NO WAY!! haha.. i was actually going to say that..
I think we need a seperate private washcloth forum.. i will be mod..which i suspect will be hard work..what with all the washcloth haters out there!!


----------



## Santaclear (May 2, 2009)

I'm beginning to agree with everyone and I feel SameTowelFA owes Fyreflyintheskye an explanation and then an apology followed by another explanation.


----------



## BoomSnap (May 2, 2009)

mergirl said:


> NO WAY!! haha.. i was actually going to say that..
> I think we need a seperate private washcloth forum.. i will be mod..which i suspect will be hard work..what with all the washcloth haters out there!!

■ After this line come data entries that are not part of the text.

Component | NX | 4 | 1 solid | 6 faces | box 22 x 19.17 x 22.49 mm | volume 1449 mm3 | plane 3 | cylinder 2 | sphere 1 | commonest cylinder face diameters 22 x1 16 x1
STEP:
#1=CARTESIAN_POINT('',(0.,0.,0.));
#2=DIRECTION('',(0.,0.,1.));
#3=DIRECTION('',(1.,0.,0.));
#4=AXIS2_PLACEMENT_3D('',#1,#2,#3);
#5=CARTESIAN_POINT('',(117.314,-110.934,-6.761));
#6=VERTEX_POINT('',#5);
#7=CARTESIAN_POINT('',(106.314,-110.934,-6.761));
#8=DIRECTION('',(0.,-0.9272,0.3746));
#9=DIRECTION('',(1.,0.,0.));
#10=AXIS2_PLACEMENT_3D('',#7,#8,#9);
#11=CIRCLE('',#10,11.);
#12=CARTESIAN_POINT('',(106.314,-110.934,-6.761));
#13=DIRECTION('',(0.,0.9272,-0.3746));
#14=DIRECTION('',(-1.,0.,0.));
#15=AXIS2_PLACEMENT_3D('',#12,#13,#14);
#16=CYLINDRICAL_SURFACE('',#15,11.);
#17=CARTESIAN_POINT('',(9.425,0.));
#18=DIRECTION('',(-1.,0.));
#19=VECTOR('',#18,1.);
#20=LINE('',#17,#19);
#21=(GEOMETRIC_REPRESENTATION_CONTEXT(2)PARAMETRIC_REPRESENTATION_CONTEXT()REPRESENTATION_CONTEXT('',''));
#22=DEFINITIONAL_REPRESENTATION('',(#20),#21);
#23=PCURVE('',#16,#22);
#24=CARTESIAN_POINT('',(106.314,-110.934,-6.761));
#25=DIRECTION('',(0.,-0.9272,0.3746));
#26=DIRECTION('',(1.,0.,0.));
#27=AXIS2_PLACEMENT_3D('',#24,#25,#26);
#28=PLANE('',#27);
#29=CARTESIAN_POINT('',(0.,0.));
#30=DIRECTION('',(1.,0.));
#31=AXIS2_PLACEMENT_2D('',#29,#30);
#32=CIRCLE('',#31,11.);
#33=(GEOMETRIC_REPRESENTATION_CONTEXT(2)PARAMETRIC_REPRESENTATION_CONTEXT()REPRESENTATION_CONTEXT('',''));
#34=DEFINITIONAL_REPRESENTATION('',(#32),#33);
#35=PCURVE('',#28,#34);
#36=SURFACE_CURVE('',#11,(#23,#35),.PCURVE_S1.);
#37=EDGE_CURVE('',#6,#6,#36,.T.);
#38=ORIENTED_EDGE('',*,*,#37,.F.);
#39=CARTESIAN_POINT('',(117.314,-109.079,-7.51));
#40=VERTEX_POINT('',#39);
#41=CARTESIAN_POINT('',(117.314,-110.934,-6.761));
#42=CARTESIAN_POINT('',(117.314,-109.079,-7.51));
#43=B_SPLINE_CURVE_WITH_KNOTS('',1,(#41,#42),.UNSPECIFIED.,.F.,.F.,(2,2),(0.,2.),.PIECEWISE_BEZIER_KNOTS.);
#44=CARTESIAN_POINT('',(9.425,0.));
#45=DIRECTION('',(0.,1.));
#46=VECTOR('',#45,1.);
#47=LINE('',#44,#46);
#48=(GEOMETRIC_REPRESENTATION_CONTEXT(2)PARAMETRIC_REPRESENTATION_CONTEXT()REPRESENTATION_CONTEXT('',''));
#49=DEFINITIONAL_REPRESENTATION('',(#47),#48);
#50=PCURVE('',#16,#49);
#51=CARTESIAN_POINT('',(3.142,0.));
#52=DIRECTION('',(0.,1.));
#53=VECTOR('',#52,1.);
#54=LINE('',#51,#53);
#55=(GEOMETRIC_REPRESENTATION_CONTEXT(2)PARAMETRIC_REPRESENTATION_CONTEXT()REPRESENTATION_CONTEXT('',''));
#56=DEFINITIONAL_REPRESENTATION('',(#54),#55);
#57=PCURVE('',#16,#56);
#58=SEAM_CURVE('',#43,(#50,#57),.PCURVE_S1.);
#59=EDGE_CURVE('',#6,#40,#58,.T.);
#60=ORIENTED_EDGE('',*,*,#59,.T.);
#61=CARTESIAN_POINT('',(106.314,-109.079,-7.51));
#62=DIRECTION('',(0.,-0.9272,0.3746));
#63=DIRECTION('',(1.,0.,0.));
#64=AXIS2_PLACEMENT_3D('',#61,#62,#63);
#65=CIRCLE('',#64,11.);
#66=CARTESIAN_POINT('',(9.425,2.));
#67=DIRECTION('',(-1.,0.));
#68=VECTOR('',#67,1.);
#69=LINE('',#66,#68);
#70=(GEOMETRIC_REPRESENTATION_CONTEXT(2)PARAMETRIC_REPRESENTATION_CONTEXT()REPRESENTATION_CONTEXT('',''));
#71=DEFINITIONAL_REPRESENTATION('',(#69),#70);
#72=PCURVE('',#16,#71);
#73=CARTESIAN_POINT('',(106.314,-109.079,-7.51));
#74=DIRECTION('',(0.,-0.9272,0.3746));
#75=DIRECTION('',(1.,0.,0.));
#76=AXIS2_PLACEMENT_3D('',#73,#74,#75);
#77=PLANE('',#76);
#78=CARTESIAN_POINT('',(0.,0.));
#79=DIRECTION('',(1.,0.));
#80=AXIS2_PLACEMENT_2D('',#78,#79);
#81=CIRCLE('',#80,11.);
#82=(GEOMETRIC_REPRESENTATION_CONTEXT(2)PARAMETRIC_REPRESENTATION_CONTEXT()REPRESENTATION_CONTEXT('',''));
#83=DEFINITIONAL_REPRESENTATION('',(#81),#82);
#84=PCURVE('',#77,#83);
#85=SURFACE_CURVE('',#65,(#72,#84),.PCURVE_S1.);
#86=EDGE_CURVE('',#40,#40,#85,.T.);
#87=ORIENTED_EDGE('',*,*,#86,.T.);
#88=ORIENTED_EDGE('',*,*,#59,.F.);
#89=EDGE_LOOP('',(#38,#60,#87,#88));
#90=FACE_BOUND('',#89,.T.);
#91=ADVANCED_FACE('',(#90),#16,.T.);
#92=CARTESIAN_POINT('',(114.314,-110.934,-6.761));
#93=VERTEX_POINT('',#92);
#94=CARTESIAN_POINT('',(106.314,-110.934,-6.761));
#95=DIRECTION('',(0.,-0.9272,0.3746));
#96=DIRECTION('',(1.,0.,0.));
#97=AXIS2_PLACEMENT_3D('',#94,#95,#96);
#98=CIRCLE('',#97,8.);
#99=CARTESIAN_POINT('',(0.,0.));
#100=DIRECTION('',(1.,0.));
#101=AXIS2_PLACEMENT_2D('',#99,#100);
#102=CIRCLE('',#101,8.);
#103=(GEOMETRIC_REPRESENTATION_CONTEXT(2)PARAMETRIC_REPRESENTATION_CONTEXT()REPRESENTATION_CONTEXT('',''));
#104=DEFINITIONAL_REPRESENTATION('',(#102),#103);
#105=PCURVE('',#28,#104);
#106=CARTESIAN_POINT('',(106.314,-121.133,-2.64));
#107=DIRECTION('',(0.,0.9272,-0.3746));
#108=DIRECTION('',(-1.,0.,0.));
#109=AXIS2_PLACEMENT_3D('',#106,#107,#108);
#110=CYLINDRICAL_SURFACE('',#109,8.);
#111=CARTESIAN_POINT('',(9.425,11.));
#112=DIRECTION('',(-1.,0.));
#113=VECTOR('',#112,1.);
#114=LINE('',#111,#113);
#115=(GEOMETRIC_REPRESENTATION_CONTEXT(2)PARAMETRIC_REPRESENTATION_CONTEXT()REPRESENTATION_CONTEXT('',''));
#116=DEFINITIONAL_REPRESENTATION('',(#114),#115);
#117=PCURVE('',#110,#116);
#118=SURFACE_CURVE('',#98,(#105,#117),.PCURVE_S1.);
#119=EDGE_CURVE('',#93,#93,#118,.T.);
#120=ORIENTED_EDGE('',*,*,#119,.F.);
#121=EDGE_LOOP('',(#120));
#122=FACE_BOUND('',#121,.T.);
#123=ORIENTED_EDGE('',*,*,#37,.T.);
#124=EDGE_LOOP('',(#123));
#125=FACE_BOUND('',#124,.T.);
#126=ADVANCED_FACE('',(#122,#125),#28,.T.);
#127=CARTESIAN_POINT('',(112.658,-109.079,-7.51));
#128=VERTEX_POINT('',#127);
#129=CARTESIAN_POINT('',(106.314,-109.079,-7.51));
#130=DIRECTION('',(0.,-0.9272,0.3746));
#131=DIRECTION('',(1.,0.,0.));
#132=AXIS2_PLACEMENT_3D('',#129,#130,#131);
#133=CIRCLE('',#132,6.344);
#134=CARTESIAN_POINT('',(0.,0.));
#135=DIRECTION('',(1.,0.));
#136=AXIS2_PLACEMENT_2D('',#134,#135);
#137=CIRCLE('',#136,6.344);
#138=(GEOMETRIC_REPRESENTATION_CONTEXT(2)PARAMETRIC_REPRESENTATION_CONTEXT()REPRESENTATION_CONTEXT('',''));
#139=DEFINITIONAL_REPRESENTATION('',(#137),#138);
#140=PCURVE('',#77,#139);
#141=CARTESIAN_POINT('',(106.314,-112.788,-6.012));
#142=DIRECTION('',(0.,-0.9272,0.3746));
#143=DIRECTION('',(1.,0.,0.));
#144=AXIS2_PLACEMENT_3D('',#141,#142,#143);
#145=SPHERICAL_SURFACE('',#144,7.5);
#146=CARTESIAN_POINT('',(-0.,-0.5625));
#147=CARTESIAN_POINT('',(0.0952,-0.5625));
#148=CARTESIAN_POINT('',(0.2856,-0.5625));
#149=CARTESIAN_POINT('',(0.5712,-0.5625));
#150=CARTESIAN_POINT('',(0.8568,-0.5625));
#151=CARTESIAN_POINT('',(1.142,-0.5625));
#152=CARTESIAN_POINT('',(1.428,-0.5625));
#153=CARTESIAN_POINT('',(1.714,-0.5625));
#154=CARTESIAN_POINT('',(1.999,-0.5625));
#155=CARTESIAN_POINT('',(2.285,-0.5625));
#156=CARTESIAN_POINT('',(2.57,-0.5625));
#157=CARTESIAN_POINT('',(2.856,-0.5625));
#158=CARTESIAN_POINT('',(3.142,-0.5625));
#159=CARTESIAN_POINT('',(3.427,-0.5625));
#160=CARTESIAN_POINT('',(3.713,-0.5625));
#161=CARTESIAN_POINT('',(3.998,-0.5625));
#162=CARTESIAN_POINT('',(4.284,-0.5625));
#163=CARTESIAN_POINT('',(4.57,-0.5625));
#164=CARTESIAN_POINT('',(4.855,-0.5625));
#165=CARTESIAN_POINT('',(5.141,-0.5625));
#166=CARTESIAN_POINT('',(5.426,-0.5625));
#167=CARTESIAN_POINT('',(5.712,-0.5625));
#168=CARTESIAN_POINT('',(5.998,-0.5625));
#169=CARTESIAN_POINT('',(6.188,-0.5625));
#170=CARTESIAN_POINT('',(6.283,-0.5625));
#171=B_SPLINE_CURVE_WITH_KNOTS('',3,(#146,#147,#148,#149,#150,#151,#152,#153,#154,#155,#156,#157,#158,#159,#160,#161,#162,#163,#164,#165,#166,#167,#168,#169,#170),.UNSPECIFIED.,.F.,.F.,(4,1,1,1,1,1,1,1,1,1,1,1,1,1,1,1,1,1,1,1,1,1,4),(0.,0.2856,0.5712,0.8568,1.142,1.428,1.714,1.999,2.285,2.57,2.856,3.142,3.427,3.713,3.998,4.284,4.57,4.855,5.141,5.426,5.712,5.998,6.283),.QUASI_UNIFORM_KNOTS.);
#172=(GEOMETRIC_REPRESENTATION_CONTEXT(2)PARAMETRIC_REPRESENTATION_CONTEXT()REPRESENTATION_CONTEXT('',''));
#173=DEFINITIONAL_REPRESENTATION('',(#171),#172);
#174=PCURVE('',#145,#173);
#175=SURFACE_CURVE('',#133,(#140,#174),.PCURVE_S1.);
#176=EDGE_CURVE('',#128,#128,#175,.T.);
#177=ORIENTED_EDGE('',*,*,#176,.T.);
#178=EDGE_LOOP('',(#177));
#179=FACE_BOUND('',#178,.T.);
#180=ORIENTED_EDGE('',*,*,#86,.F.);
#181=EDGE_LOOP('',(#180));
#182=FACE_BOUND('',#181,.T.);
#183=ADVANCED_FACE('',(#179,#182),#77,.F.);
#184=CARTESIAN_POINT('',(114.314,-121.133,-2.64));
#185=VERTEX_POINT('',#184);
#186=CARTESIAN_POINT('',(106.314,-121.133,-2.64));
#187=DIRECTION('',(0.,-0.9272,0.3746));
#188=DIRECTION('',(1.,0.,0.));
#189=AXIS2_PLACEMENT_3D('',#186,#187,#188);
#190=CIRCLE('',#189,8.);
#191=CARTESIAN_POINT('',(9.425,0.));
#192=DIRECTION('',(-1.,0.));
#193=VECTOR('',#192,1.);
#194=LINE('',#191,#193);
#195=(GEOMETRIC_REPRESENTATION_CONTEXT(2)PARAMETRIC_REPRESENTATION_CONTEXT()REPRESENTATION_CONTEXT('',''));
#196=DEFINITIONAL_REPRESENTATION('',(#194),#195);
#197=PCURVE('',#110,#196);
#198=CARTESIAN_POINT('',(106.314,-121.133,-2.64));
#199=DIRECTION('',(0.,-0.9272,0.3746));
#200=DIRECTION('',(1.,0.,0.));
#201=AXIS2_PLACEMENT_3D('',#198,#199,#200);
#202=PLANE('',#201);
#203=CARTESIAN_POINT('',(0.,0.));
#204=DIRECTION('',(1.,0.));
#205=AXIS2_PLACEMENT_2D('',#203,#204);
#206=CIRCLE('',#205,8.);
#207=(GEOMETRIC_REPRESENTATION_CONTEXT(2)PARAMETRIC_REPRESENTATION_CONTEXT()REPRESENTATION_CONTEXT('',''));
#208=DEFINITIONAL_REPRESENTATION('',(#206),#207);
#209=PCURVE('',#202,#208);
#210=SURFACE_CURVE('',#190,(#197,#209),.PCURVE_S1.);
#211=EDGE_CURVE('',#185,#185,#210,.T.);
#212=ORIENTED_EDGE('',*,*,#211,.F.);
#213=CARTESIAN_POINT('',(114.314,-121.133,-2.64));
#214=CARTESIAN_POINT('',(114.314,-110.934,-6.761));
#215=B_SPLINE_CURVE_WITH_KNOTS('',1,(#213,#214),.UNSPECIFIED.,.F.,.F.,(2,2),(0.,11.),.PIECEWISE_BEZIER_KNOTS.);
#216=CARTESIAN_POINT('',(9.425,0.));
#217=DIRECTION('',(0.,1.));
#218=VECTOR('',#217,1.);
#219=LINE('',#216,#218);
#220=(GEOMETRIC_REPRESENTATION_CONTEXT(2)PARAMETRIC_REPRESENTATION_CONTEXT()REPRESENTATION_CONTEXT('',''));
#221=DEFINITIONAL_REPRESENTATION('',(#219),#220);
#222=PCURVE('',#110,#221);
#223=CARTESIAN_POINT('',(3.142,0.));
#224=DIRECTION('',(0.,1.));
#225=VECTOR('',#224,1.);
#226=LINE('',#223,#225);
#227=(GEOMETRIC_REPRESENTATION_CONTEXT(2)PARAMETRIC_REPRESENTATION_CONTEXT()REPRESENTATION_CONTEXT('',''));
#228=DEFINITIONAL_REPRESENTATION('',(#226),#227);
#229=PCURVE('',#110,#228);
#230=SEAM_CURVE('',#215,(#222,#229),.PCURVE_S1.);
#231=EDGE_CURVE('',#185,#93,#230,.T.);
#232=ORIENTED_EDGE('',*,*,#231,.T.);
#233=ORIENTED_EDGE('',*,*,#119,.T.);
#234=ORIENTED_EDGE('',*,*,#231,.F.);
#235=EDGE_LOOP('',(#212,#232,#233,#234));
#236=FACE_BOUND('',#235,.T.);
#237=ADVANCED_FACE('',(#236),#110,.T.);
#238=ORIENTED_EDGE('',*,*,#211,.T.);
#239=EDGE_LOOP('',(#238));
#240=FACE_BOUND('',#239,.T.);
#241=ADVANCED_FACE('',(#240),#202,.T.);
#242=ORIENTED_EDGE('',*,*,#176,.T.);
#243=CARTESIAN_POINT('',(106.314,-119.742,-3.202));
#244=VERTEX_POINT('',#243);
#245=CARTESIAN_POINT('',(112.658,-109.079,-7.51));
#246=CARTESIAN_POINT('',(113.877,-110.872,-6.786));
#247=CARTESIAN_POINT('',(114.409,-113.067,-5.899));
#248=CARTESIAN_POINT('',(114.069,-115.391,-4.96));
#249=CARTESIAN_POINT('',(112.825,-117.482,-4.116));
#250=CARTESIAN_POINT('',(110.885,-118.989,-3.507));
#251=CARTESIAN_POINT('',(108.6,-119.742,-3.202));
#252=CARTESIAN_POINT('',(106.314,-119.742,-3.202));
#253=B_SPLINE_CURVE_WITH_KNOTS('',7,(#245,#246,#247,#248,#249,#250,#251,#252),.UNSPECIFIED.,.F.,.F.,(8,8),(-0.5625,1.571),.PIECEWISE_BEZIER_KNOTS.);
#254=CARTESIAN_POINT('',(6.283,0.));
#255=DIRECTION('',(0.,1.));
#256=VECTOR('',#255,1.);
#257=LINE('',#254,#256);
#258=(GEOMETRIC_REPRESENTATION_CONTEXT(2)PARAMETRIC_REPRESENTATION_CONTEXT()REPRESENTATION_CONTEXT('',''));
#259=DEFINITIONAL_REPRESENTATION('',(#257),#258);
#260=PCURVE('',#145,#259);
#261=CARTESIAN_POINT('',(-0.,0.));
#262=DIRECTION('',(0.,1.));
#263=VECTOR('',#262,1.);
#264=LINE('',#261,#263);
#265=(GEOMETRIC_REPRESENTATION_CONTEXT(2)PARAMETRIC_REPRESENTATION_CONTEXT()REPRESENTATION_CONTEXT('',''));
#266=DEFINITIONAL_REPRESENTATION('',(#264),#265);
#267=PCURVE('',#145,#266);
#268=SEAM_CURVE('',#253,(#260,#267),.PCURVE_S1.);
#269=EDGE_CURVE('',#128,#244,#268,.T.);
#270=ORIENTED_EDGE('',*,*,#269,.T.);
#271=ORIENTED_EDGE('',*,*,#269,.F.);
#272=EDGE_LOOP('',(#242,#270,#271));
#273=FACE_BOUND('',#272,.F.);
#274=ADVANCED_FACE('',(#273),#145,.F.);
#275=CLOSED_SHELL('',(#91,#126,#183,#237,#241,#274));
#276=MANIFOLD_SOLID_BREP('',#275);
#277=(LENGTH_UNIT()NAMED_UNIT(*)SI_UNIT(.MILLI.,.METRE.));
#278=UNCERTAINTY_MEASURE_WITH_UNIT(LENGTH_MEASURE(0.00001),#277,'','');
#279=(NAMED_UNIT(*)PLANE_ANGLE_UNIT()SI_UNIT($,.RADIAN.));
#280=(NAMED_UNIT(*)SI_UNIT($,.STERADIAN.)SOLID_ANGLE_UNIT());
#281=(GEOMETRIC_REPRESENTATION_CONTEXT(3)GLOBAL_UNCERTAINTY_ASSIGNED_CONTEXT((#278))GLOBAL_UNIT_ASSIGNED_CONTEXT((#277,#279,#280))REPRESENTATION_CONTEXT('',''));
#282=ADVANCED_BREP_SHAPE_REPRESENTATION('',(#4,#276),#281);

I second that. There are pressing issues! How many days can you use a washcloth? Leave in bottom of tub or drape over the shower head when done? These issues will tear us apart if not resolved.


----------



## mergirl (May 2, 2009)

Totally! We need to take decisive action. I think we need rules though.. talking about washing your arse with a washcloth will need a seperate sub forum so as not to offend anyone!!


----------



## Dr. P Marshall (May 2, 2009)

BoomSnap said:


> I second that. There are pressing issues! How many days can you use a washcloth? Leave in bottom of tub or drape over the shower head when done? These issues will tear us apart if not resolved.



While I have nothing against the washcloth using FAs, I would like to point out that for me washcloths are just not part of the FA experience. Not that there's anything wrong with it.......it's just not something we _all_ use.

Also, I disagree with this entire thread and agree with everyone in it.:bow: Except for mergirl who I thoroughly gree with.


----------



## Preston (May 2, 2009)

I'm a frood who knows where his towel's at.


----------



## Dr. P Marshall (May 2, 2009)

mergirl said:


> Totally! We need to take decisive action. I think we need rules though.. talking about washing your arse with a washcloth will need a seperate sub forum so as not to offend anyone!!



Talking about a forum that won't offend anyone offends me deeply.


----------



## FaxMachine1234 (May 2, 2009)

Dr. P Marshall said:


> While I have nothing against the washcloth using FAs, I would like to point out that for me washcloths are just not part of the FA experience. Not that there's anything wrong with it.......it's just not something we _all_ use.
> 
> Also, I disagree with this entire thread and agree with everyone in it.:bow: Except for mergirl who I thoroughly gree with.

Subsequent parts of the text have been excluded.